She knew the cost, she requested the ride and you got PAID,
This is a business, Please act like its a business.

May be next time reach in to your wallet and give back part of the fare,
like uber tried to do to Randy.


----------



## duggles

RIGHT?! This is ridiculous guys.

People aren't dumb. They acknowledge and agree to rates. Then they act surprised. Or most don't. Maybe the ***** about it. But you know what, they pay it. They pay it every ****ing weekend they go out. Why? Because they can afford it. Honestly, if they couldn't, they would wait out the surge, or arrange a ride the way they used to before Uber. 

You act like people aren't complicit in their choices and actions when it comes to thinking the surge is ****ing rape. That's a strong ****ing thing to say dudes. For a bunch of dudes to akin rape to people with money paying extra for a service is kind of offensive. Actually, really offense. 

I think Randy already made the point. Hotel most nights of the year $89. New Years, same room is $399. Flights. Any number of other industry will increase their rates 3-7x normal for high demand periods.


----------



## cybertec69

painfreepc said:


> i will quote Randy Shear,
> "Stop acting like the poor passengers are 12 year old kids that aren't responsible for their own actions. We are all adults here."
> 
> She knew the cost, she requested the ride and you got PAID,
> This is a business, Please act like its a business.
> 
> May be next time reach in to your wallet and give back part of the fare,
> like uber tried to do to Randy.


You don't get it, but it's OK , most people don't.


----------



## painfreepc

cybertec69 said:


> You don't get it, but it's OK , most people don't.


You are the one that don't get it,
look at the taxi industry, new years eve night all hell breaks loose, Very high demand for taxis in the IE from 9pm till 6am new years day, but the taxis still charge the same fare.


----------



## Emmes

cybertec69 said:


> You don't get it, but it's OK , most people don't.


CT? You forgot to add "maybe this gig isn't for you". lol


----------



## UberPissed

Randy Shear said:


> I hate playing a game of semantics.


Yet you are quoting words in the dictionary.

Pot, meet kettle.


----------



## UberPissed

duggles said:


> RIGHT?! This is ridiculous guys.
> ....
> I think Randy already made the point. Hotel most nights of the year $89. New Years, same room is $399. Flights. Any number of other industry will increase their rates 3-7x normal for high demand periods.

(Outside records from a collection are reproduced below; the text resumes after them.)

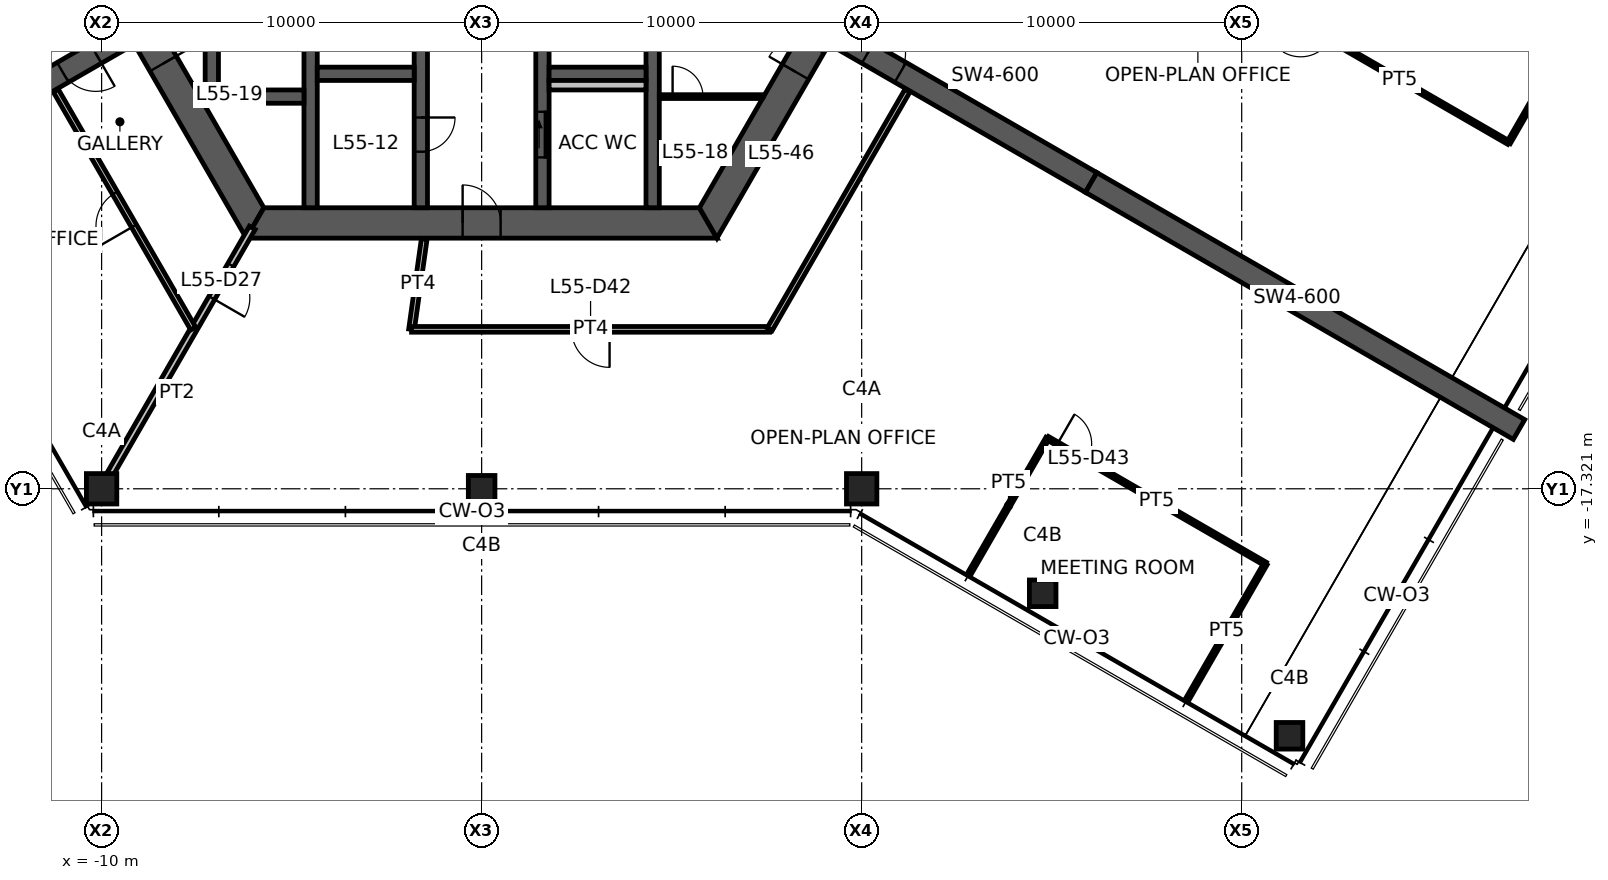
"""IFC4 building model, lengths in metres.
Left out: names, types, materials, properties, quantities, classifications, styles, units other than length and angle.
Written with IfcOpenShell. Run it as: python <this file> out.ifc"""

import sys

from ifc_helpers import new_model, si_unit, direction, frame, frame_2d, origin, origin_2d, place, context, subcontext, project, spatial, polyline, rectangle, hollow_rectangle, outline, extrude, element, fill, save


model = new_model("IFC4")
c1 = context("Model", 3, precision=1e-05, world=origin(), true_north=direction((0.0, 1.0)))
c2 = subcontext(c1, "Body", "Model", "MODEL_VIEW")
j1 = project(units=[si_unit("LENGTHUNIT", "METRE"), si_unit("PLANEANGLEUNIT", "RADIAN")], contexts=[c1])
p1 = place(None, origin())
s1 = spatial("IfcSite", under=j1, at=p1, CompositionType="ELEMENT")
p2 = place(p1, origin())
s2 = spatial("IfcBuilding", under=s1, at=p2, CompositionType="ELEMENT")
p3 = place(p2, frame((0.0, 0.0, 220.6)))
s3 = spatial("IfcBuildingStorey", under=s2, at=p3, CompositionType="ELEMENT", Elevation=220.6)
for number, where, z_axis, x_axis in (
    (1, (-10.0, -17.321, 0.0), (0.0, 0.0, 1.0), (1.0, 0.0, 0.0)),
    (2, (10.0, -17.321, 0.0), (0.0, 0.0, 1.0), (1.0, 0.0, 0.0)),
):
    element("IfcColumn", number, at=place(p3, frame(where, z_axis=z_axis, x_axis=x_axis)), inside=s3, PredefinedType="COLUMN", context=c2, shape_type="SweptSolid", body=[
        extrude(hollow_rectangle(XDim=0.8, YDim=0.8, WallThickness=0.04, at=origin_2d()), origin(), (0.0, 0.0, 1.0), 3.9),
    ])
for number, where, z_axis, x_axis in (
    (3, (0.0, -17.321, 0.0), (0.0, 0.0, 1.0), (1.0, 0.0, 0.0)),
    (4, (14.763, -20.071, 0.0), (0.0, 0.0, 1.0), (1.0, 0.0, 0.0)),
    (5, (21.258, -23.821, 0.0), (0.0, 0.0, 1.0), (1.0, 0.0, 0.0)),
):
    element("IfcColumn", number, at=place(p3, frame(where, z_axis=z_axis, x_axis=x_axis)), inside=s3, PredefinedType="COLUMN", context=c2, shape_type="SweptSolid", body=[
        extrude(hollow_rectangle(XDim=0.7, YDim=0.7, WallThickness=0.032, at=origin_2d()), origin(), (0.0, 0.0, 1.0), 3.9),
    ])
p4 = place(p3, frame((-11.922, 0.0, 0.0), z_axis=(0.0, 0.0, 1.0), x_axis=(0.500004296715, -0.866022923061, 0.0)))
e6 = element("IfcWall", 6, at=p4, inside=s3, PredefinedType="SHEAR", context=c2, shape_type="SweptSolid", body=[
    extrude(outline(polyline([(-0.231, -0.4), (6.281, -0.4), (7.081, -0.4), (12.153, -0.4), (11.691, 0.4), (7.081, 0.4), (6.281, 0.4), (0.231, 0.4), (-0.231, -0.4)])), origin(), (0.0, 0.0, 1.0), 3.9),
])
p5 = place(p4, frame((6.281, 0.0, 0.0)))
e7 = element("IfcOpeningElement", 7, at=p5, cuts=e6, PredefinedType="OPENING", context=c2, shape_type="SweptSolid", body=[
    extrude(rectangle(XDim=0.8, YDim=2.1, at=frame_2d((0.4, 1.05))), frame((0.0, 0.41, 0.0), z_axis=(0.0, -1.0, 0.0), x_axis=(1.0, 0.0, 0.0)), (0.0, 0.0, 1.0), 0.82),
])
p6 = place(p3, frame((-5.961, -10.325, 0.0), z_axis=(0.0, 0.0, 1.0), x_axis=(1.0, 0.0, 0.0)))
e8 = element("IfcWall", 8, at=p6, inside=s3, PredefinedType="SHEAR", context=c2, shape_type="SweptSolid", body=[
    extrude(outline(polyline([(-0.231, -0.4), (5.461, -0.4), (6.461, -0.4), (12.153, -0.4), (11.691, 0.4), (6.461, 0.4), (5.461, 0.4), (0.231, 0.4), (-0.231, -0.4)])), origin(), (0.0, 0.0, 1.0), 3.9),
])
p7 = place(p6, frame((5.461, 0.0, 0.0)))
e9 = element("IfcOpeningElement", 9, at=p7, cuts=e8, PredefinedType="OPENING", context=c2, shape_type="SweptSolid", body=[
    extrude(rectangle(XDim=1.0, YDim=2.1, at=frame_2d((0.5, 1.05))), frame((0.0, 0.41, 0.0), z_axis=(0.0, -1.0, 0.0), x_axis=(1.0, 0.0, 0.0)), (0.0, 0.0, 1.0), 0.82),
])
p8 = place(p3, frame((5.961, -10.325, 0.0), z_axis=(0.0, 0.0, 1.0), x_axis=(0.500004296715, 0.866022923061, 0.0)))
e10 = element("IfcWall", 10, at=p8, inside=s3, PredefinedType="SHEAR", context=c2, shape_type="SweptSolid", body=[
    extrude(outline(polyline([(-0.231, -0.4), (4.594, -0.4), (5.394, -0.4), (12.153, -0.4), (11.691, 0.4), (5.394, 0.4), (4.594, 0.4), (0.231, 0.4), (-0.231, -0.4)])), origin(), (0.0, 0.0, 1.0), 3.9),
])
p9 = place(p8, frame((4.594, 0.0, 0.0)))
e11 = element("IfcOpeningElement", 11, at=p9, cuts=e10, PredefinedType="OPENING", context=c2, shape_type="SweptSolid", body=[
    extrude(rectangle(XDim=0.8, YDim=2.1, at=frame_2d((0.4, 1.05))), frame((0.0, 0.41, 0.0), z_axis=(0.0, -1.0, 0.0), x_axis=(1.0, 0.0, 0.0)), (0.0, 0.0, 1.0), 0.82),
])
p10 = place(p3, frame((-9.288, -5.363, 0.0), z_axis=(0.0, 0.0, 1.0), x_axis=(-0.866027473358, -0.499996415376, 0.0)))
e12 = element("IfcWall", 12, at=p10, inside=s3, PredefinedType="SHEAR", context=c2, shape_type="SweptSolid", body=[
    extrude(rectangle(XDim=7.045, YDim=0.6, at=frame_2d((3.523, 0.0))), origin(), (0.0, 0.0, 1.0), 3.9),
])
p11 = place(p10, frame((1.0, 0.0, 0.0)))
e13 = element("IfcOpeningElement", 13, at=p11, cuts=e12, PredefinedType="OPENING", context=c2, shape_type="SweptSolid", body=[
    extrude(rectangle(XDim=1.0, YDim=2.1, at=frame_2d((0.5, 1.05))), frame((0.0, 0.31, 0.0), z_axis=(0.0, -1.0, 0.0), x_axis=(1.0, 0.0, 0.0)), (0.0, 0.0, 1.0), 0.62),
])
p12 = place(p3, frame((9.288, -5.363, 0.0), z_axis=(0.0, 0.0, 1.0), x_axis=(0.866031736626, -0.499989031036, 0.0)))
e14 = element("IfcWall", 14, at=p12, inside=s3, PredefinedType="SHEAR", context=c2, shape_type="SweptSolid", body=[
    extrude(rectangle(XDim=7.796, YDim=0.6, at=frame_2d((3.898, 0.0))), origin(), (0.0, 0.0, 1.0), 3.9),
])
p13 = place(p12, frame((1.0, 0.0, 0.0)))
e15 = element("IfcOpeningElement", 15, at=p13, cuts=e14, PredefinedType="OPENING", context=c2, shape_type="SweptSolid", body=[
    extrude(rectangle(XDim=1.0, YDim=2.1, at=frame_2d((0.5, 1.05))), frame((0.0, 0.31, 0.0), z_axis=(0.0, -1.0, 0.0), x_axis=(1.0, 0.0, 0.0)), (0.0, 0.0, 1.0), 0.62),
])
p14 = place(p3, frame((16.039, -9.26, 0.0), z_axis=(0.0, 0.0, 1.0), x_axis=(0.866024837091, -0.50000098154, 0.0)))
e16 = element("IfcWall", 16, at=p14, inside=s3, PredefinedType="SHEAR", context=c2, shape_type="SweptSolid", body=[
    extrude(rectangle(XDim=13.0, YDim=0.6, at=frame_2d((6.5, 0.0))), origin(), (0.0, 0.0, 1.0), 3.9),
])
p15 = place(p3, frame((-1.6, -3.775, 0.0), z_axis=(0.0, 0.0, 1.0), x_axis=(0.0, -1.0, 0.0)))
e17 = element("IfcWall", 17, at=p15, inside=s3, PredefinedType="SHEAR", context=c2, shape_type="SweptSolid", body=[
    extrude(rectangle(XDim=6.15, YDim=0.35, at=frame_2d((3.075, 0.0))), origin(), (0.0, 0.0, 1.0), 3.9),
])
p16 = place(p15, frame((3.775, 0.0, 0.0)))
e18 = element("IfcOpeningElement", 18, at=p16, cuts=e17, PredefinedType="OPENING", context=c2, shape_type="SweptSolid", body=[
    extrude(rectangle(XDim=0.9, YDim=2.1, at=frame_2d((0.45, 1.05))), frame((0.0, 0.185, 0.0), z_axis=(0.0, -1.0, 0.0), x_axis=(1.0, 0.0, 0.0)), (0.0, 0.0, 1.0), 0.37),
])
p17 = place(p3, frame((1.6, -3.775, 0.0), z_axis=(0.0, 0.0, 1.0), x_axis=(0.0, -1.0, 0.0)))
e19 = element("IfcWall", 19, at=p17, inside=s3, PredefinedType="SHEAR", context=c2, shape_type="SweptSolid", body=[
    extrude(rectangle(XDim=6.15, YDim=0.35, at=frame_2d((3.075, 0.0))), origin(), (0.0, 0.0, 1.0), 3.9),
])
p18 = place(p17, frame((3.625, 0.0, 0.0)))
e20 = element("IfcOpeningElement", 20, at=p18, cuts=e19, PredefinedType="OPENING", context=c2, shape_type="SweptSolid", body=[
    extrude(rectangle(XDim=1.2, YDim=2.1, at=frame_2d((0.6, 1.05))), frame((0.0, 0.185, 0.0), z_axis=(0.0, -1.0, 0.0), x_axis=(1.0, 0.0, 0.0)), (0.0, 0.0, 1.0), 0.37),
])
for number, where, z_axis, x_axis in (
    (21, (-4.5, -3.775, 0.0), (0.0, 0.0, 1.0), (0.0, -1.0, 0.0)),
    (22, (4.5, -3.775, 0.0), (0.0, 0.0, 1.0), (0.0, -1.0, 0.0)),
):
    element("IfcWall", number, at=place(p3, frame(where, z_axis=z_axis, x_axis=x_axis)), inside=s3, PredefinedType="SHEAR", context=c2, shape_type="SweptSolid", body=[
        extrude(rectangle(XDim=6.15, YDim=0.35, at=frame_2d((3.075, 0.0))), origin(), (0.0, 0.0, 1.0), 3.9),
    ])
for number, where, z_axis, x_axis in (
    (23, (-4.325, -6.4, 0.0), (0.0, 0.0, 1.0), (1.0, 0.0, 0.0)),
    (24, (1.775, -6.4, 0.0), (0.0, 0.0, 1.0), (1.0, 0.0, 0.0)),
):
    element("IfcWall", number, at=place(p3, frame(where, z_axis=z_axis, x_axis=x_axis)), inside=s3, PredefinedType="SHEAR", context=c2, shape_type="SweptSolid", body=[
        extrude(rectangle(XDim=2.55, YDim=0.35, at=frame_2d((1.275, 0.0))), origin(), (0.0, 0.0, 1.0), 3.9),
    ])
p19 = place(p3, frame((-7.275, -7.0, 0.0), z_axis=(0.0, 0.0, 1.0), x_axis=(1.0, 0.0, 0.0)))
e25 = element("IfcWall", 25, at=p19, inside=s3, PredefinedType="SHEAR", context=c2, shape_type="SweptSolid", body=[
    extrude(rectangle(XDim=2.6, YDim=0.35, at=frame_2d((1.3, 0.0))), origin(), (0.0, 0.0, 1.0), 3.9),
])
p20 = place(p3, frame((-7.1, -3.775, 0.0), z_axis=(0.0, 0.0, 1.0), x_axis=(0.0, -1.0, 0.0)))
e26 = element("IfcWall", 26, at=p20, inside=s3, PredefinedType="SHEAR", context=c2, shape_type="SweptSolid", body=[
    extrude(rectangle(XDim=3.05, YDim=0.35, at=frame_2d((1.525, 0.0))), origin(), (0.0, 0.0, 1.0), 3.9),
])
p21 = place(p3, frame((1.775, -6.7, 0.0), z_axis=(0.0, 0.0, 1.0), x_axis=(1.0, 0.0, 0.0)))
e27 = element("IfcWall", 27, at=p21, inside=s3, PredefinedType="PLUMBINGWALL", context=c2, shape_type="SweptSolid", body=[
    extrude(rectangle(XDim=2.55, YDim=0.25, at=frame_2d((1.275, 0.0))), origin(), (0.0, 0.0, 1.0), 3.9),
])
p22 = place(p3, frame((4.675, -7.0, 0.0), z_axis=(0.0, 0.0, 1.0), x_axis=(1.0, 0.0, 0.0)))
e28 = element("IfcWall", 28, at=p22, inside=s3, PredefinedType="PARTITIONING", context=c2, shape_type="SweptSolid", body=[
    extrude(outline(polyline([(0.0, -0.05), (0.35, -0.05), (1.15, -0.05), (2.715, -0.05), (2.744, 0.0), (2.75, 0.05), (1.15, 0.05), (0.35, 0.05), (0.0, 0.05), (0.0, -0.05)])), origin(), (0.0, 0.0, 1.0), 2.95),
])
p23 = place(p22, frame((0.35, 0.0, 0.0)))
e29 = element("IfcOpeningElement", 29, at=p23, cuts=e28, PredefinedType="OPENING", context=c2, shape_type="SweptSolid", body=[
    extrude(rectangle(XDim=0.8, YDim=2.1, at=frame_2d((0.4, 1.05))), frame((0.0, 0.06, 0.0), z_axis=(0.0, -1.0, 0.0), x_axis=(1.0, 0.0, 0.0)), (0.0, 0.0, 1.0), 0.12),
])
p24 = place(p3, frame((-6.035, -10.453, 0.0), z_axis=(0.0, 0.0, 1.0), x_axis=(-0.499989830942, -0.866031274813, 0.0)))
e30 = element("IfcWall", 30, at=p24, inside=s3, PredefinedType="PARTITIONING", context=c2, shape_type="SweptSolid", body=[
    extrude(rectangle(XDim=7.93, YDim=0.175, at=frame_2d((3.965, 0.0))), origin(), (0.0, 0.0, 1.0), 3.05),
])
p25 = place(p24, frame((1.13, 0.0, 0.0)))
e31 = element("IfcOpeningElement", 31, at=p25, cuts=e30, PredefinedType="OPENING", context=c2, shape_type="SweptSolid", body=[
    extrude(rectangle(XDim=1.0, YDim=2.1, at=frame_2d((0.5, 1.05))), frame((0.0, 0.098, 0.0), z_axis=(0.0, -1.0, 0.0), x_axis=(1.0, 0.0, 0.0)), (0.0, 0.0, 1.0), 0.195),
])
p26 = place(p3, frame((-7.589, -13.105, 0.0), z_axis=(0.0, 0.0, 1.0), x_axis=(-0.499986333712, 0.866033293876, 0.0)))
e32 = element("IfcWall", 32, at=p26, inside=s3, PredefinedType="PARTITIONING", context=c2, shape_type="SweptSolid", body=[
    extrude(rectangle(XDim=7.235, YDim=0.15, at=frame_2d((3.617, 0.0))), origin(), (0.0, 0.0, 1.0), 2.95),
])
p27 = place(p26, frame((3.117, 0.0, 0.0)))
e33 = element("IfcOpeningElement", 33, at=p27, cuts=e32, PredefinedType="OPENING", context=c2, shape_type="SweptSolid", body=[
    extrude(rectangle(XDim=1.0, YDim=2.1, at=frame_2d((0.5, 1.05))), frame((0.0, 0.085, 0.0), z_axis=(0.0, -1.0, 0.0), x_axis=(1.0, 0.0, 0.0)), (0.0, 0.0, 1.0), 0.17),
])
p28 = place(p3, frame((27.025, -8.213, 0.0), z_axis=(0.0, 0.0, 1.0), x_axis=(-0.866021597574, 0.500006592492, 0.0)))
e34 = element("IfcWall", 34, at=p28, inside=s3, PredefinedType="PARTITIONING", context=c2, shape_type="SweptSolid", body=[
    extrude(rectangle(XDim=6.62, YDim=0.1, at=frame_2d((3.31, 0.0))), origin(), (0.0, 0.0, 1.0), 2.95),
])
p29 = place(p28, frame((5.42, 0.0, 0.0)))
e35 = element("IfcOpeningElement", 35, at=p29, cuts=e34, PredefinedType="OPENING", context=c2, shape_type="SweptSolid", body=[
    extrude(rectangle(XDim=0.9, YDim=2.1, at=frame_2d((0.45, 1.05))), frame((0.0, 0.06, 0.0), z_axis=(0.0, -1.0, 0.0), x_axis=(1.0, 0.0, 0.0)), (0.0, 0.0, 1.0), 0.12),
])
p30 = place(p3, frame((29.08, -4.653, 0.0), z_axis=(0.0, 0.0, 1.0), x_axis=(-0.500010383074, -0.866019409031, 0.0)))
e36 = element("IfcWall", 36, at=p30, inside=s3, PredefinedType="PARTITIONING", context=c2, shape_type="SweptSolid", body=[
    extrude(rectangle(XDim=4.11, YDim=0.1, at=frame_2d((2.055, 0.0))), origin(), (0.0, 0.0, 1.0), 2.95),
])
p31 = place(p3, frame((-1.844, -13.125, 0.0), z_axis=(0.0, 0.0, 1.0), x_axis=(0.139173892267, 0.99026795753, 0.0)))
e37 = element("IfcWall", 37, at=p31, inside=s3, PredefinedType="PARTITIONING", context=c2, shape_type="SweptSolid", body=[
    extrude(rectangle(XDim=2.403, YDim=0.15, at=frame_2d((1.202, 0.0))), origin(), (0.0, 0.0, 1.0), 2.95),
])
p32 = place(p3, frame((7.578, -13.125, 0.0), z_axis=(0.0, 0.0, 1.0), x_axis=(-1.0, 0.0, 0.0)))
e38 = element("IfcWall", 38, at=p32, inside=s3, PredefinedType="PARTITIONING", context=c2, shape_type="SweptSolid", body=[
    extrude(rectangle(XDim=9.422, YDim=0.15, at=frame_2d((4.711, 0.0))), origin(), (0.0, 0.0, 1.0), 2.95),
])
p33 = place(p32, frame((4.211, 0.0, 0.0)))
e39 = element("IfcOpeningElement", 39, at=p33, cuts=e38, PredefinedType="OPENING", context=c2, shape_type="SweptSolid", body=[
    extrude(rectangle(XDim=1.0, YDim=2.1, at=frame_2d((0.5, 1.05))), frame((0.0, 0.085, 0.0), z_axis=(0.0, -1.0, 0.0), x_axis=(1.0, 0.0, 0.0)), (0.0, 0.0, 1.0), 0.17),
])
p34 = place(p3, frame((11.207, -6.84, 0.0), z_axis=(0.0, 0.0, 1.0), x_axis=(-0.500002959843, -0.866023694911, 0.0)))
e40 = element("IfcWall", 40, at=p34, inside=s3, PredefinedType="PARTITIONING", context=c2, shape_type="SweptSolid", body=[
    extrude(rectangle(XDim=7.258, YDim=0.15, at=frame_2d((3.629, 0.0))), origin(), (0.0, 0.0, 1.0), 2.95),
])
p35 = place(p3, frame((12.837, -19.548, 0.0), z_axis=(0.0, 0.0, 1.0), x_axis=(0.499965833383, 0.866045128991, 0.0)))
e41 = element("IfcWall", 41, at=p35, inside=s3, PredefinedType="PARTITIONING", context=c2, shape_type="SweptSolid", body=[
    extrude(rectangle(XDim=4.11, YDim=0.1, at=frame_2d((2.055, 0.0))), origin(), (0.0, 0.0, 1.0), 2.95),
])
p36 = place(p3, frame((14.892, -15.988, 0.0), z_axis=(0.0, 0.0, 1.0), x_axis=(0.866030817826, -0.499990622488, 0.0)))
e42 = element("IfcWall", 42, at=p36, inside=s3, PredefinedType="PARTITIONING", context=c2, shape_type="SweptSolid", body=[
    extrude(rectangle(XDim=6.62, YDim=0.1, at=frame_2d((3.31, 0.0))), origin(), (0.0, 0.0, 1.0), 2.95),
])
p37 = place(p36, frame((0.3, 0.0, 0.0)))
e43 = element("IfcOpeningElement", 43, at=p37, cuts=e42, PredefinedType="OPENING", context=c2, shape_type="SweptSolid", body=[
    extrude(rectangle(XDim=0.9, YDim=2.1, at=frame_2d((0.45, 1.05))), frame((0.0, 0.06, 0.0), z_axis=(0.0, -1.0, 0.0), x_axis=(1.0, 0.0, 0.0)), (0.0, 0.0, 1.0), 0.12),
])
p38 = place(p3, frame((20.625, -19.298, 0.0), z_axis=(0.0, 0.0, 1.0), x_axis=(-0.500000428765, -0.866025156237, 0.0)))
e44 = element("IfcWall", 44, at=p38, inside=s3, PredefinedType="PARTITIONING", context=c2, shape_type="SweptSolid", body=[
    extrude(rectangle(XDim=4.08, YDim=0.1, at=frame_2d((2.04, 0.0))), origin(), (0.0, 0.0, 1.0), 2.95),
])
p39 = place(p7, origin())
e45 = element("IfcDoor", 45, at=p39, inside=s3, OperationType="SINGLE_SWING_LEFT", PredefinedType="DOOR", context=c2, shape_type="SweptSolid", body=[
    extrude(rectangle(XDim=1.0, YDim=2.1, at=frame_2d((0.5, 1.05))), frame((0.0, 0.025, 0.0), z_axis=(0.0, -1.0, 0.0), x_axis=(1.0, 0.0, 0.0)), (0.0, 0.0, 1.0), 0.05),
])
fill(e9, e45)
p40 = place(p9, origin())
e46 = element("IfcDoor", 46, at=p40, inside=s3, OperationType="SINGLE_SWING_LEFT", PredefinedType="DOOR", context=c2, shape_type="SweptSolid", body=[
    extrude(rectangle(XDim=0.8, YDim=2.1, at=frame_2d((0.4, 1.05))), frame((0.0, 0.025, 0.0), z_axis=(0.0, -1.0, 0.0), x_axis=(1.0, 0.0, 0.0)), (0.0, 0.0, 1.0), 0.05),
])
fill(e11, e46)
p41 = place(p5, origin())
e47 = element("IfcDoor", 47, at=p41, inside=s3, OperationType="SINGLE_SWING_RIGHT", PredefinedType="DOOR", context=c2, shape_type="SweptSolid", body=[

Yes, but when the flight is 7x, people tend not to fly. I think the problem is that the surge disrupts the supply and demand. A better option would be a surge that is fairer for both parties. 7x is completely ridiculous, and I think already stated here, that places like NYC stepped in and capped the surge because of how unconscionably high it would get.

I know it's different in each market, but in Chicago, the only time I sit with nothing to do is during a 4x surge. I'd rather stay busy cranking out 2-2.5x surges than hope for that 4.5x that takes 20 minutes to get.

PS - I love you all.


----------



## cybertec69

Surge pricing kills ridership, but only the clueless would not understand this.


----------



## SCdave

If the Rider isn't Drunk/Clueless and accepts the Surge Rate, they have just placed a greater value on their time; they had a choice and made it as an aware consumer. Surge works perfectly in this case.

My problem is with the Rider who is Drunk/Clueless and not having some type of "Dumb A$$ Drunk/Stoned" check on the App. This is where I see the problem with the Surge Factor as a customer service negative.

So, I would like to see an an additional step added for Surges that the Rider can enter on their Profile. Like I will only accept 1x,2x or 3x, etc... They can change it up or down depending on the holiday season too or maybe have both a "Default Surge Acceptance Factor" and/or a "Holiday Surge Acceptance Factor". 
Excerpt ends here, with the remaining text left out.